Votre patrimoine personnel est le premier fusible de votre entreprise
Pourquoi la plupart des dirigeants pensent être protégés alors qu'ils engagent leurs biens propres chaque jour.
Imaginez la situation suivante. Après deux années de croissance soutenue, votre scale-up doit faire face à une restructuration imprévue. Quelques mois plus tard, un groupe d'actionnaires minoritaires dépose une plainte, non pas contre la société, mais contre vous, personnellement. Ils estiment que vos décisions stratégiques ont délibérément dévalué leurs parts. À cet instant, vous vous tournez naturellement vers le contrat d'assurance de votre entreprise, celui qui couvre votre responsabilité si un client vous reproche une erreur dans votre prestation. C'est ici que le piège se referme. Ce contrat protège le bilan de votre société, mais il ne fera rien pour payer vos frais d'avocats ni pour protéger votre compte bancaire personnel ou votre résidence principale.
Cette scène n'est pas une hypothèse d'école pour les juristes. Elle représente la réalité quotidienne des dirigeants en France. Dans l'écosystème des entreprises en forte croissance, on passe beaucoup de temps à assurer les bureaux, le matériel informatique ou les données clients. Pourtant, celui qui prend les décisions, le dirigeant, reste souvent le point le plus exposé et le moins bien couvert de toute la structure.
Le malentendu de l'assurance : la société n'est pas vous
La confusion la plus fréquente chez les directeurs financiers et les directeurs généraux repose sur une méconnaissance de la séparation des responsabilités. En droit français, il existe une frontière étanche entre la faute commise par l'entreprise et la faute de gestion imputable au dirigeant. Lorsque votre entreprise cause un dommage à un tiers dans le cadre de son activité, c'est l'assurance de responsabilité civile professionnelle qui intervient.

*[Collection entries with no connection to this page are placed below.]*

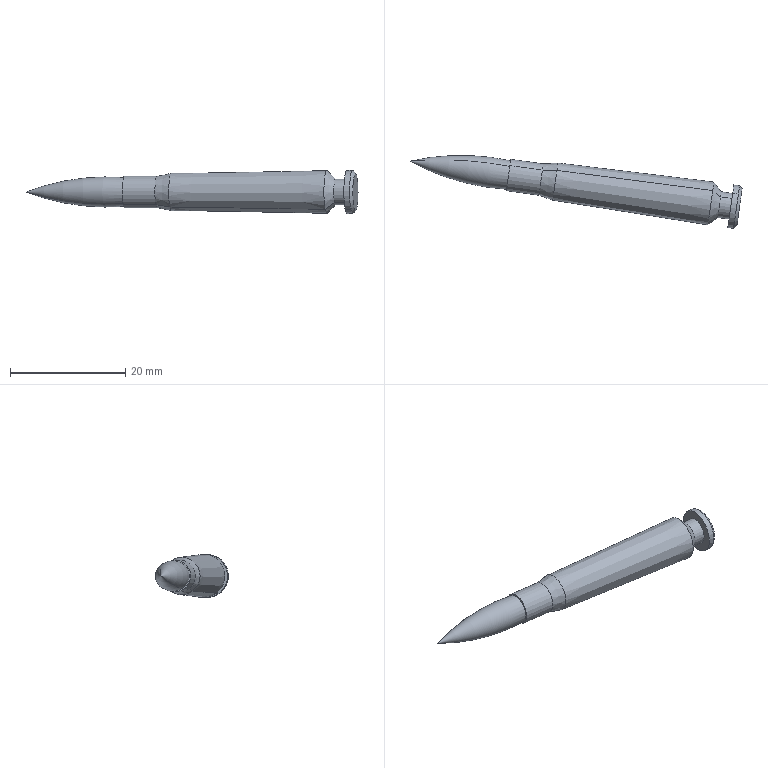Component | SolidWorks | Bullet-1 | 1 solid | 19 faces | box 57.69 x 12.69 x 7.5 mm | volume 1626 mm3 | cone 8 | cylinder 6 | plane 3 | torus 2 | commonest cylinder face diameters 7.5 x2 4.5 x2 5.5 x2
build123d program:
from build123d import *

# Parameters (mm, degrees)
CHAMFER1_SIZE = 0.5


with BuildPart() as part:
    # Sketch1 → Revolve2 (revolve)
    with BuildSketch(Plane.XY, mode=Mode.PRIVATE) as revolve2_sk:
        with BuildLine():
            Line((0, 0), (0, 3.75))
            Line((0, 3.75), (1.5, 3.75))
            Line((1.5, 3.75), (1.5, 2.25))
            Line((1.5, 2.25), (3.5, 2.25))
            Line((3.5, 2.25), (5, 3.75))
            Line((5, 3.75), (32.3, 3.25))
            Line((32.3, 3.25), (34.8, 2.75))
            Line((34.8, 2.75), (40.5, 2.75))
            Line((40.5, 2.75), (40.5, 2.5))
            ThreePointArc((40.5, 2.5), (49.288, 2.207), (57.8, 0))
            Line((57.8, 0), (0, 0))
        make_face()
    revolve(revolve2_sk.sketch.rotate(Axis((0, 0, 0), (1, 0, 0)), 90), axis=Axis((0, 0, 0), (1, 0, 0)))

    # Chamfer1
    chamfer1_edges = [part.edges().sort_by_distance(p)[0] for p in [
        (0, 0, -3.75),
    ]]
    chamfer(chamfer1_edges, length=CHAMFER1_SIZE)


solid = part.part

# Placed as in the assembly
solid = solid.moved(Location((-0.1726, -24.177, 1009.12), (-9.722, 1.359, 172.116)))
STEP:
#1=COLOUR_RGB('',0.7922,0.8196,0.9333);
#2=FILL_AREA_STYLE_COLOUR('',#1);
#3=FILL_AREA_STYLE('',(#2));
#4=SURFACE_STYLE_FILL_AREA(#3);
#5=SURFACE_SIDE_STYLE('',(#4));
#6=SURFACE_STYLE_USAGE(.BOTH.,#5);
#7=PRESENTATION_STYLE_ASSIGNMENT((#6));
#8=CARTESIAN_POINT('',(-0.01748,-1.028,39.627));
#9=VERTEX_POINT('',#8);
#10=CARTESIAN_POINT('',(0.003897,-0.8758,39.831));
#11=VERTEX_POINT('',#10);
#12=CARTESIAN_POINT('',(-0.006794,-0.9518,39.729));
#13=DIRECTION('',(0.9903,-0.1392,0.));
#14=DIRECTION('',(0.08355,0.5945,0.7997));
#15=AXIS2_PLACEMENT_3D('',#12,#13,#14);
#16=CIRCLE('',#15,0.128);
#17=EDGE_CURVE('',#9,#11,#16,.T.);
#18=ORIENTED_EDGE('',*,*,#17,.F.);
#19=CARTESIAN_POINT('',(-0.03862,-1.037,39.611));
#20=VERTEX_POINT('',#19);
#21=CARTESIAN_POINT('',(-0.01748,-1.028,39.627));
#22=DIRECTION('',(-0.7593,-0.322,-0.5655));
#23=VECTOR('',#22,39.37);
#24=LINE('',#21,#23);
#25=EDGE_CURVE('',#9,#20,#24,.T.);
#26=ORIENTED_EDGE('',*,*,#25,.T.);
#27=CARTESIAN_POINT('',(-0.01395,-0.8613,39.847));
#28=VERTEX_POINT('',#27);
#29=CARTESIAN_POINT('',(-0.02629,-0.9491,39.729));
#30=DIRECTION('',(-0.9903,0.1392,-0.));
#31=DIRECTION('',(0.08355,0.5945,0.7997));
#32=AXIS2_PLACEMENT_3D('',#29,#30,#31);
#33=CIRCLE('',#32,0.1476);
#34=EDGE_CURVE('',#28,#20,#33,.T.);
#35=ORIENTED_EDGE('',*,*,#34,.F.);
#36=CARTESIAN_POINT('',(0.003897,-0.8758,39.831));
#37=DIRECTION('',(-0.6411,0.5188,0.5655));
#38=VECTOR('',#37,39.37);
#39=LINE('',#36,#38);
#40=EDGE_CURVE('',#11,#28,#39,.T.);
#41=ORIENTED_EDGE('',*,*,#40,.F.);
#42=EDGE_LOOP('',(#18,#26,#35,#41));
#43=FACE_OUTER_BOUND('',#42,.T.);
#44=CARTESIAN_POINT('',(-0.006794,-0.9518,39.729));
#45=DIRECTION('',(-0.9903,0.1392,-0.));
#46=DIRECTION('',(0.08355,0.5945,0.7997));
#47=AXIS2_PLACEMENT_3D('',#44,#45,#46);
#48=CONICAL_SURFACE('',#47,0.128,0.7854);
#49=ADVANCED_FACE('',(#43),#48,.T.);
#50=CARTESIAN_POINT('',(-2.26,-0.6351,39.729));
#51=VERTEX_POINT('',#50);
#52=CARTESIAN_POINT('',(-1.594,-0.7885,39.65));
#53=VERTEX_POINT('',#52);
#54=CARTESIAN_POINT('',(-1.582,0.1618,40.906));
#55=DIRECTION('',(-0.1113,-0.792,0.6003));
#56=DIRECTION('',(0.,-0.6041,-0.7969));
#57=AXIS2_PLACEMENT_3D('',#54,#55,#56);
#58=CIRCLE('',#57,1.575);
#59=EDGE_CURVE('',#51,#53,#58,.T.);
#60=ORIENTED_EDGE('',*,*,#59,.F.);
#61=CARTESIAN_POINT('',(-1.578,-0.6714,39.808));
#62=VERTEX_POINT('',#61);
#63=CARTESIAN_POINT('',(-1.828,-1.588,38.552));
#64=DIRECTION('',(0.1113,0.792,-0.6003));
#65=DIRECTION('',(0.,0.6041,0.7969));
#66=AXIS2_PLACEMENT_3D('',#63,#64,#65);
#67=CIRCLE('',#66,1.575);
#68=EDGE_CURVE('',#51,#62,#67,.T.);
#69=ORIENTED_EDGE('',*,*,#68,.T.);
#70=CARTESIAN_POINT('',(-1.586,-0.7299,39.729));
#71=DIRECTION('',(0.9903,-0.1392,0.));
#72=DIRECTION('',(-0.08355,-0.5945,-0.7997));
#73=AXIS2_PLACEMENT_3D('',#70,#71,#72);
#74=CIRCLE('',#73,0.09843);
#75=EDGE_CURVE('',#53,#62,#74,.T.);
#76=ORIENTED_EDGE('',*,*,#75,.F.);
#77=EDGE_LOOP('',(#60,#69,#76));
#78=FACE_OUTER_BOUND('',#77,.T.);
#79=CARTESIAN_POINT('',(-1.705,-0.7131,39.729));
#80=DIRECTION('',(0.9903,-0.1392,0.));
#81=DIRECTION('',(-0.08355,-0.5945,-0.7997));
#82=AXIS2_PLACEMENT_3D('',#79,#80,#81);
#83=TOROIDAL_SURFACE('',#82,-1.472,1.575);
#84=ADVANCED_FACE('',(#78),#83,.T.);
#85=CARTESIAN_POINT('',(-1.595,-0.7943,39.643));
#86=VERTEX_POINT('',#85);
#87=CARTESIAN_POINT('',(-1.577,-0.6656,39.816));
#88=VERTEX_POINT('',#87);
#89=CARTESIAN_POINT('',(-1.586,-0.7299,39.729));
#90=DIRECTION('',(0.9903,-0.1392,0.));
#91=DIRECTION('',(-0.08355,-0.5945,-0.7997));
#92=AXIS2_PLACEMENT_3D('',#89,#90,#91);
#93=CIRCLE('',#92,0.1083);
#94=EDGE_CURVE('',#86,#88,#93,.T.);
#95=ORIENTED_EDGE('',*,*,#94,.T.);
#96=CARTESIAN_POINT('',(-1.354,-0.6968,39.816));
#97=VERTEX_POINT('',#96);
#98=CARTESIAN_POINT('',(0.002252,-0.8875,39.816));
#99=DIRECTION('',(0.9903,-0.1392,0.));
#100=VECTOR('',#99,39.37);
#101=LINE('',#98,#100);
#102=EDGE_CURVE('',#88,#97,#101,.T.);
#103=ORIENTED_EDGE('',*,*,#102,.T.);
#104=CARTESIAN_POINT('',(-1.373,-0.8255,39.643));
#105=VERTEX_POINT('',#104);
#106=CARTESIAN_POINT('',(-1.364,-0.7612,39.729));
#107=DIRECTION('',(0.9903,-0.1392,0.));
#108=DIRECTION('',(-0.08355,-0.5945,-0.7997));
#109=AXIS2_PLACEMENT_3D('',#106,#107,#108);
#110=CIRCLE('',#109,0.1083);
#111=EDGE_CURVE('',#105,#97,#110,.T.);
#112=ORIENTED_EDGE('',*,*,#111,.F.);
#113=CARTESIAN_POINT('',(-0.01584,-1.016,39.643));
#114=DIRECTION('',(0.9903,-0.1392,0.));
#115=VECTOR('',#114,39.37);
#116=LINE('',#113,#115);
#117=EDGE_CURVE('',#86,#105,#116,.T.);
#118=ORIENTED_EDGE('',*,*,#117,.F.);
#119=EDGE_LOOP('',(#95,#103,#112,#118));
#120=FACE_OUTER_BOUND('',#119,.T.);
#121=CARTESIAN_POINT('',(-0.006794,-0.9518,39.729));
#122=DIRECTION('',(0.9903,-0.1392,0.));
#123=DIRECTION('',(-0.08355,-0.5945,-0.7997));
#124=AXIS2_PLACEMENT_3D('',#121,#122,#123);
#125=CYLINDRICAL_SURFACE('',#124,0.1083);
#126=ADVANCED_FACE('',(#120),#125,.T.);
#127=ORIENTED_EDGE('',*,*,#111,.T.);
#128=CARTESIAN_POINT('',(-1.255,-0.6988,39.831));
#129=VERTEX_POINT('',#128);
#130=CARTESIAN_POINT('',(-1.354,-0.6968,39.816));
#131=DIRECTION('',(0.9874,-0.01988,0.1568));
#132=VECTOR('',#131,39.37);
#133=LINE('',#130,#132);
#134=EDGE_CURVE('',#97,#129,#133,.T.);
#135=ORIENTED_EDGE('',*,*,#134,.T.);
#136=CARTESIAN_POINT('',(-1.277,-0.8509,39.627));
#137=VERTEX_POINT('',#136);
#138=CARTESIAN_POINT('',(-1.266,-0.7749,39.729));
#139=DIRECTION('',(0.9903,-0.1392,0.));
#140=DIRECTION('',(-0.08355,-0.5945,-0.7997));
#141=AXIS2_PLACEMENT_3D('',#138,#139,#140);
#142=CIRCLE('',#141,0.128);
#143=EDGE_CURVE('',#137,#129,#142,.T.);
#144=ORIENTED_EDGE('',*,*,#143,.F.);
#145=CARTESIAN_POINT('',(-1.373,-0.8255,39.643));
#146=DIRECTION('',(0.9547,-0.2531,-0.1568));
#147=VECTOR('',#146,39.37);
#148=LINE('',#145,#147);
#149=EDGE_CURVE('',#105,#137,#148,.T.);
#150=ORIENTED_EDGE('',*,*,#149,.F.);
#151=EDGE_LOOP('',(#127,#135,#144,#150));
#152=FACE_OUTER_BOUND('',#151,.T.);
#153=CARTESIAN_POINT('',(-1.364,-0.7612,39.729));
#154=DIRECTION('',(0.9903,-0.1392,0.));
#155=DIRECTION('',(-0.08355,-0.5945,-0.7997));
#156=AXIS2_PLACEMENT_3D('',#153,#154,#155);
#157=CONICAL_SURFACE('',#156,0.1083,0.1974);
#158=ADVANCED_FACE('',(#152),#157,.T.);
#159=ORIENTED_EDGE('',*,*,#143,.T.);
#160=CARTESIAN_POINT('',(-0.1894,-0.8367,39.847));
#161=VERTEX_POINT('',#160);
#162=CARTESIAN_POINT('',(-1.255,-0.6988,39.831));
#163=DIRECTION('',(0.9916,-0.1283,0.01464));
#164=VECTOR('',#163,39.37);
#165=LINE('',#162,#164);
#166=EDGE_CURVE('',#129,#161,#165,.T.);
#167=ORIENTED_EDGE('',*,*,#166,.T.);
#168=CARTESIAN_POINT('',(-0.2141,-1.012,39.611));
#169=VERTEX_POINT('',#168);
#170=CARTESIAN_POINT('',(-0.2017,-0.9245,39.729));
#171=DIRECTION('',(0.9903,-0.1392,0.));
#172=DIRECTION('',(-0.08355,-0.5945,-0.7997));
#173=AXIS2_PLACEMENT_3D('',#170,#171,#172);
#174=CIRCLE('',#173,0.1476);
#175=EDGE_CURVE('',#169,#161,#174,.T.);
#176=ORIENTED_EDGE('',*,*,#175,.F.);
#177=CARTESIAN_POINT('',(-1.277,-0.8509,39.627));
#178=DIRECTION('',(0.9886,-0.15,-0.01464));
#179=VECTOR('',#178,39.37);
#180=LINE('',#177,#179);
#181=EDGE_CURVE('',#137,#169,#180,.T.);
#182=ORIENTED_EDGE('',*,*,#181,.F.);
#183=EDGE_LOOP('',(#159,#167,#176,#182));
#184=FACE_OUTER_BOUND('',#183,.T.);
#185=CARTESIAN_POINT('',(-1.266,-0.7749,39.729));
#186=DIRECTION('',(0.9903,-0.1392,0.));
#187=DIRECTION('',(-0.08355,-0.5945,-0.7997));
#188=AXIS2_PLACEMENT_3D('',#185,#186,#187);
#189=CONICAL_SURFACE('',#188,0.128,0.01831);
#190=ADVANCED_FACE('',(#184),#189,.T.);
#191=CARTESIAN_POINT('',(-0.1506,-0.9853,39.658));
#192=VERTEX_POINT('',#191);
#193=CARTESIAN_POINT('',(-0.1358,-0.88,39.8));
#194=VERTEX_POINT('',#193);
#195=CARTESIAN_POINT('',(-0.1432,-0.9327,39.729));
#196=DIRECTION('',(0.9903,-0.1392,0.));
#197=DIRECTION('',(-0.08355,-0.5945,-0.7997));
#198=AXIS2_PLACEMENT_3D('',#195,#196,#197);
#199=CIRCLE('',#198,0.08858);
#200=EDGE_CURVE('',#192,#194,#199,.T.);
#201=ORIENTED_EDGE('',*,*,#200,.F.);
#202=CARTESIAN_POINT('',(-0.2141,-1.012,39.611));
#203=DIRECTION('',(-0.7593,-0.322,-0.5655));
#204=VECTOR('',#203,39.37);
#205=LINE('',#202,#204);
#206=EDGE_CURVE('',#192,#169,#205,.T.);
#207=ORIENTED_EDGE('',*,*,#206,.T.);
#208=ORIENTED_EDGE('',*,*,#175,.T.);
#209=CARTESIAN_POINT('',(-0.1894,-0.8367,39.847));
#210=DIRECTION('',(-0.6411,0.5188,0.5655));
#211=VECTOR('',#210,39.37);
#212=LINE('',#209,#211);
#213=EDGE_CURVE('',#194,#161,#212,.T.);
#214=ORIENTED_EDGE('',*,*,#213,.F.);
#215=EDGE_LOOP('',(#201,#207,#208,#214));
#216=FACE_OUTER_BOUND('',#215,.T.);
#217=CARTESIAN_POINT('',(-0.2017,-0.9245,39.729));
#218=DIRECTION('',(-0.9903,0.1392,-0.));
#219=DIRECTION('',(0.08355,0.5945,0.7997));
#220=AXIS2_PLACEMENT_3D('',#217,#218,#219);
#221=CONICAL_SURFACE('',#220,0.1476,0.7854);
#222=ADVANCED_FACE('',(#216),#221,.T.);
#223=ORIENTED_EDGE('',*,*,#200,.T.);
#224=CARTESIAN_POINT('',(-0.05787,-0.891,39.8));
#225=VERTEX_POINT('',#224);
#226=CARTESIAN_POINT('',(0.0006073,-0.8992,39.8));
#227=DIRECTION('',(0.9903,-0.1392,0.));
#228=VECTOR('',#227,39.37);
#229=LINE('',#226,#228);
#230=EDGE_CURVE('',#194,#225,#229,.T.);
#231=ORIENTED_EDGE('',*,*,#230,.T.);
#232=CARTESIAN_POINT('',(-0.07268,-0.9963,39.658));
#233=VERTEX_POINT('',#232);
#234=CARTESIAN_POINT('',(-0.06527,-0.9436,39.729));
#235=DIRECTION('',(0.9903,-0.1392,0.));
#236=DIRECTION('',(-0.08355,-0.5945,-0.7997));
#237=AXIS2_PLACEMENT_3D('',#234,#235,#236);
#238=CIRCLE('',#237,0.08858);
#239=EDGE_CURVE('',#233,#225,#238,.T.);
#240=ORIENTED_EDGE('',*,*,#239,.F.);
#241=CARTESIAN_POINT('',(-0.0142,-1.005,39.658));
#242=DIRECTION('',(0.9903,-0.1392,0.));
#243=VECTOR('',#242,39.37);
#244=LINE('',#241,#243);
#245=EDGE_CURVE('',#192,#233,#244,.T.);
#246=ORIENTED_EDGE('',*,*,#245,.F.);
#247=EDGE_LOOP('',(#223,#231,#240,#246));
#248=FACE_OUTER_BOUND('',#247,.T.);
#249=CARTESIAN_POINT('',(-0.006794,-0.9518,39.729));
#250=DIRECTION('',(0.9903,-0.1392,0.));
#251=DIRECTION('',(-0.08355,-0.5945,-0.7997));
#252=AXIS2_PLACEMENT_3D('',#249,#250,#251);
#253=CYLINDRICAL_SURFACE('',#252,0.08858);
#254=ADVANCED_FACE('',(#248),#253,.T.);
#255=CARTESIAN_POINT('',(-0.07761,-1.031,39.611));
#256=VERTEX_POINT('',#255);
#257=CARTESIAN_POINT('',(-0.05294,-0.8559,39.847));
#258=VERTEX_POINT('',#257);
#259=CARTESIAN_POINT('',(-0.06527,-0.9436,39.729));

Elle est là pour indemniser la victime et protéger la trésorerie de la société.
En revanche, dès lors qu'un salarié, un actionnaire, un fournisseur ou même l'administration estime que vous avez commis une erreur de gestion, une violation des statuts ou une infraction aux dispositions légales, c'est votre propre responsabilité qui est engagée. Dans ce cas, la justice ne cherche pas à savoir si l'entreprise peut payer, elle regarde si vous, en tant qu'individu, avez failli à votre mission. Le paradoxe est frappant : le salarié est protégé par le droit du travail, l'entreprise est protégée par ses polices d'assurance, mais le dirigeant se retrouve souvent seul face à ses juges, avec son patrimoine personnel comme unique garantie.
Chez Lesto, nous constatons régulièrement que cette distinction est floue pour beaucoup de fondateurs. On a tendance à penser que la structure sociale de l'entreprise (SARL, SAS) limite la responsabilité au montant des apports. C'est vrai pour les dettes commerciales de la société, mais c'est totalement faux pour les fautes de gestion. Dans ce second cas, l'écran de la société disparaît et vos biens propres entrent dans l'équation.
Ce que signifie réellement "engager ses biens propres"
Lorsqu'une procédure est lancée contre un dirigeant, les conséquences financières se divisent en deux catégories distinctes, mais tout aussi lourdes l'une que l'autre. La première concerne les frais de défense. Se défendre face à une mise en cause complexe, qu'elle soit civile ou pénale, demande du temps et l'expertise d'avocats spécialisés dont les honoraires peuvent rapidement atteindre des sommets. Sans une protection adaptée, ces frais sortent directement de votre poche, avant même que le moindre jugement ne soit rendu.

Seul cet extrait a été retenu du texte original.